7/26/2010

Growing Multicultural Market a Threat Multicultural Agencies? - The Big Tent - Advertising Age

Does a Growing Multicultural Market Threaten Multicultural Agencies?

General-Market Shops Move in as Segments Move Beyond 'Niche'

Posted by Jose Villa on 07.23.10 @ 01:16 PM

José Villa
José Villa
I'm sure you've heard the old saying "you can never get too much of a good thing?" That's been the prevailing notion in regards to the rapidly growing Hispanic population in the U.S., which, together with continued population growth among African-Americans, Asians and other ethnic minority groups, has resulted in a huge multicultural population.

That's definitely been the prevailing opinion among ethnic ad agencies -- the hundreds the Hispanic, African-American and Asian ad agencies out there that have made a good living off of these changing demographics. I've seen many a capability deck or presentation from multicultural ad shops that starts with some variation of this compelling vision of the future: "By 2050, more than half of the U.S. population will be non-white" (that particular stat comes from Nielsen).

What I wonder is if this rapid demographic shift, and the sheer size of some of these minority populations will start to create more of a problem than an opportunity for multicultural ad agencies. Specifically, at what point does a group become too big to be considered a niche requiring a specialist agency?

At some point doesn't the balance tip and the notion of "general market" inevitably change to include Hispanics, African-Americans and Asians? I wonder if the future of general market means creating advertising that works across ethnic audiences.

As I wrote on my blog, with big Hispanic population numbers expected from the 2010 Census, won't that finally awaken the sleeping giants that are the big general-market advertising agencies? They see the writing on the wall -- the Hispanic population is growing so fast and its numbers are getting so big, that they risk losing control, budgets and relevancy if they don't begin to offer Hispanic advertising services. Large ad agencies like McCann Erickson have been dabbling in Hispanic advertising for years, and big players like DraftFCB are moving rapidly to position themselves as a new "full service" ad agency.

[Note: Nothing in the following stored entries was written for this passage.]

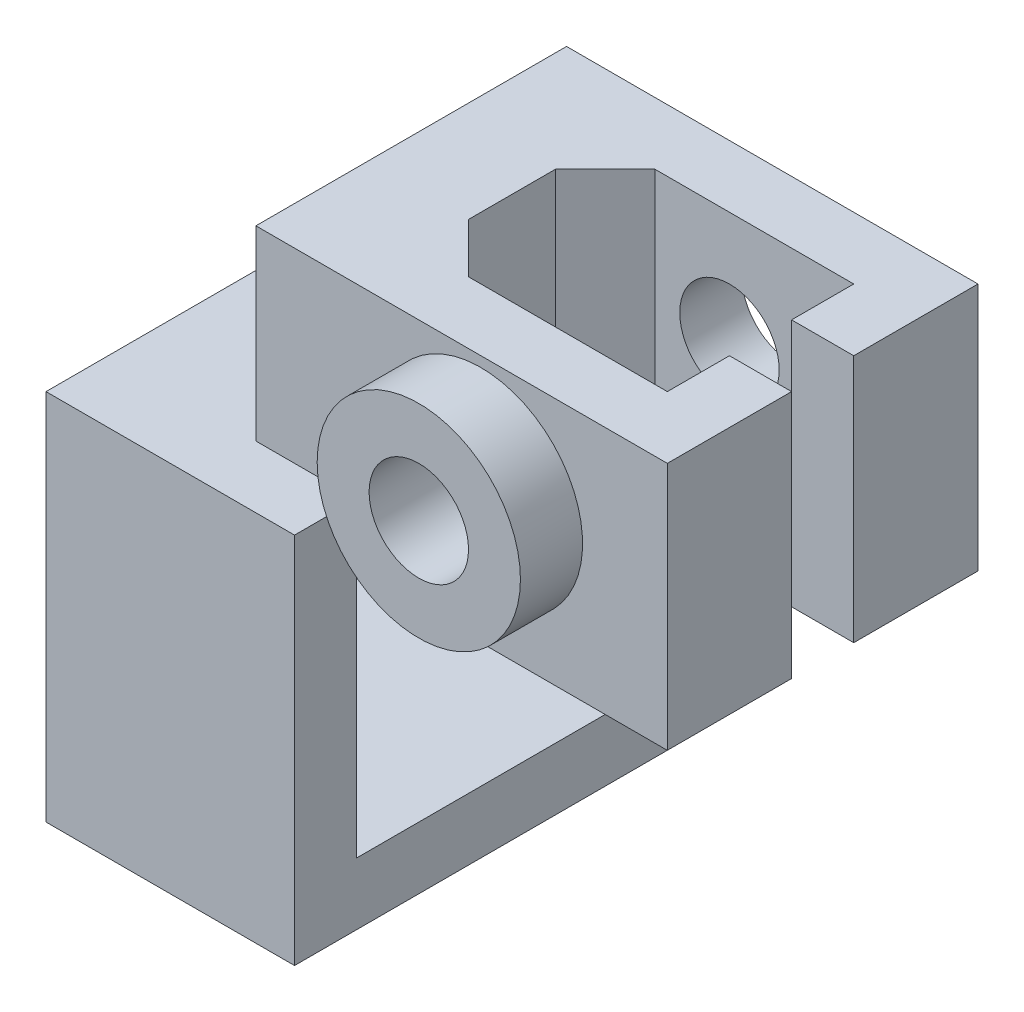
from build123d import *

# Parameters (mm, degrees)
SKETCH1_W           = 40
SKETCH1_H           = 50
BOSS_EXTRUDE1_DEPTH = 10
BOSS_EXTRUDE2_DEPTH = 10
BOSS_EXTRUDE3_DEPTH = 40
BOSS_EXTRUDE4_DEPTH = 30
SKETCH5_R           = 8
CUT_EXTRUDE1_DEPTH  = 50
SKETCH6_R           = 16.35789331
SKETCH6_R_2         = 8
BOSS_EXTRUDE5_DEPTH = 10


with BuildPart() as part:
    # Sketch1 → Boss-Extrude1 (new body)
    with BuildSketch(Plane(origin=(0, 0, 0), x_dir=(1, 0, 0), z_dir=(0, 1, 0))):
        Rectangle(SKETCH1_W, SKETCH1_H)
    extrude(amount=BOSS_EXTRUDE1_DEPTH)

    # Sketch2 → Boss-Extrude2 (add)
    with BuildSketch(Plane(origin=(0, 10, 0), x_dir=(1, 0, 0), z_dir=(0, 1, 0))):
        Polygon((28, -15), (60, -15), (60, -5), (70, -5), (70, -25), (20, -25), (20, -15), (20, -7), align=None)
        Polygon((20, 25), (70, 25), (70, 5), (60, 5), (60, 15), (28, 15), (20, 7), (20, 15), align=None)
    extrude(amount=-BOSS_EXTRUDE2_DEPTH)

    # Sketch3 → Boss-Extrude3 (add)
    with BuildSketch(Plane.ZY.offset(20)):
        Polygon((-25, 10), (-35, 10), (-35, -50), (35, -50), (35, 10), (25, 10), (25, 0), (25, -40), (-25, -40), (-25, 0), align=None)
    extrude(amount=-BOSS_EXTRUDE3_DEPTH)

    # Sketch4 → Boss-Extrude4 (add)
    with BuildSketch(Plane(origin=(0, 10, 0), x_dir=(1, 0, 0), z_dir=(0, 1, 0))):
        Polygon((20, 7), (28, 15), (60, 15), (60, 5), (70, 5), (70, 25), (3.779860002, 25), (3.779860002, -25), (70, -25), (70, -5), (60, -5), (60, -15), (28, -15), (20, -7), align=None)
    extrude(amount=BOSS_EXTRUDE4_DEPTH)

    # Sketch5 → Cut-Extrude1 (cut)
    with BuildSketch(Plane(origin=(0, 0, -25), x_dir=(-1, 0, 0), z_dir=(0, 0, -1))):
        with Locations((-40, 22)):
            Circle(SKETCH5_R)
    extrude(amount=-CUT_EXTRUDE1_DEPTH, mode=Mode.SUBTRACT)

    # Sketch6 → Boss-Extrude5 (add)
    with BuildSketch(Plane.XY.offset(25)):
        with Locations(Location((40, 22, 0), (0, 0, 180))):
            Circle(SKETCH6_R)
        with Locations(Location((40, 22, 0), (0, 0, 180))):
            Circle(SKETCH6_R_2, mode=Mode.SUBTRACT)
    extrude(amount=BOSS_EXTRUDE5_DEPTH)


solid = part.part
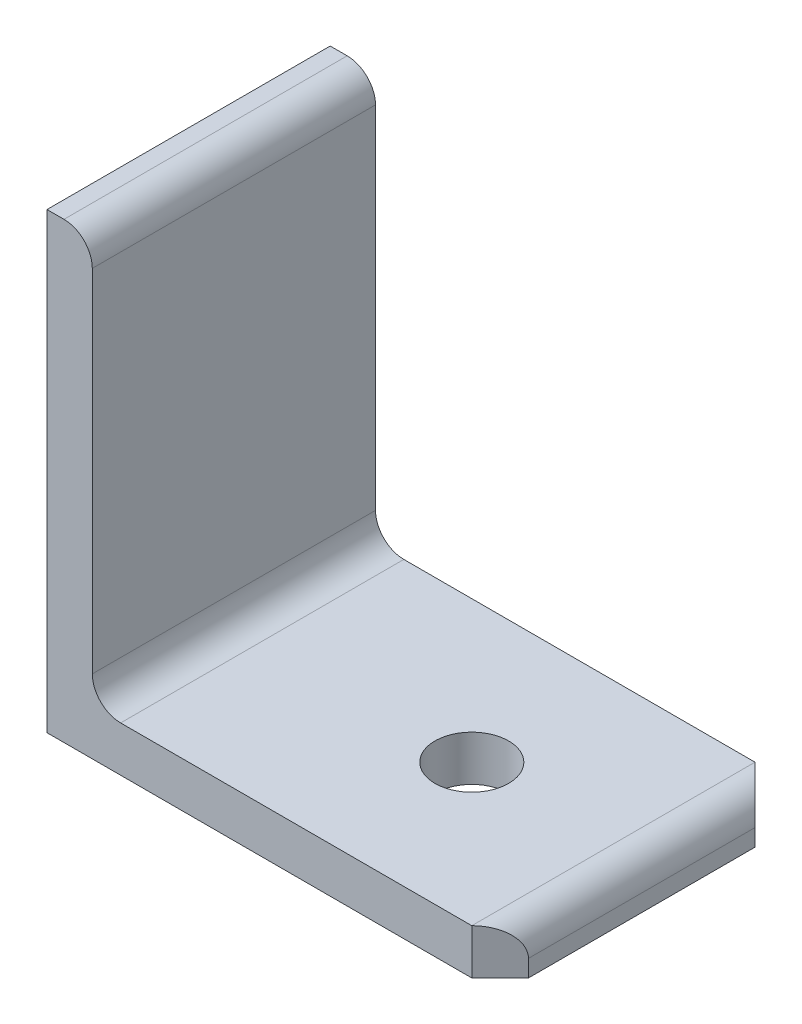
from build123d import *

# Parameters (mm, degrees)
EXTRUDE_1_DEPTH     = 50
SKETCH_2_R          = 6.5
CUT_EXTRUDE_1_DEPTH = 50
FILLET_1_R          = 5
FILLET_2_R          = 5
CHAMFER_1_SIZE      = 5
FILLET_3_R          = 5


with BuildPart() as part:
    # 草图1 → 凸台-拉伸1 (new body)
    with BuildSketch(Plane.XY):
        Polygon((0, 0), (0, -80), (80, -80), (80, -72), (8, -72), (8, 0), align=None)
    extrude(amount=EXTRUDE_1_DEPTH)

    # 草图2 → 切除-拉伸1 (cut)
    with BuildSketch(Plane(origin=(0, -72, 0), x_dir=(1, 0, 0), z_dir=(0, 1, 0))):
        with Locations(Location((50, -25, 0), (0, 0, 270))):
            Circle(SKETCH_2_R)
    extrude(amount=-CUT_EXTRUDE_1_DEPTH, mode=Mode.SUBTRACT)

    # 圆角1
    fillet_1_edges = [part.edges().sort_by_distance(p)[0] for p in [
        (8, -72, 25),
    ]]
    fillet(fillet_1_edges, radius=FILLET_1_R)

    # 圆角2
    fillet_2_edges = [part.edges().sort_by_distance(p)[0] for p in [
        (8, 0, 25),
    ]]
    fillet(fillet_2_edges, radius=FILLET_2_R)

    # 倒角1
    chamfer_1_edges = [part.edges().sort_by_distance(p)[0] for p in [
        (80, -76, 0),
        (80, -76, 50),
    ]]
    chamfer(chamfer_1_edges, length=CHAMFER_1_SIZE)

    # 圆角3
    fillet_3_edges = [part.edges().sort_by_distance(p)[0] for p in [
        (80, -72, 25),
    ]]
    fillet(fillet_3_edges, radius=FILLET_3_R)


solid = part.part

I wonder if that overused "full service" moniker might not soon evolve to describe large agencies that offer general market, Hispanic, African-American and Asian advertising services under one roof?

From the client/marketer's perspective, isn't there a tipping point when hiring specialist agencies to reach niche audiences no longer makes sense? The business of hiring specialist Hispanic or African-American ad agencies is based on a model where those agencies and their respective markets never represented more than a collective 20% of a client's advertising programs. Clients aren't set up to have multiple "lead" agencies, and the cost efficiencies they enjoy from having 80% of their advertising spend go through one large agency would be threatened if they had to spread the money out 25-20-15-40, right?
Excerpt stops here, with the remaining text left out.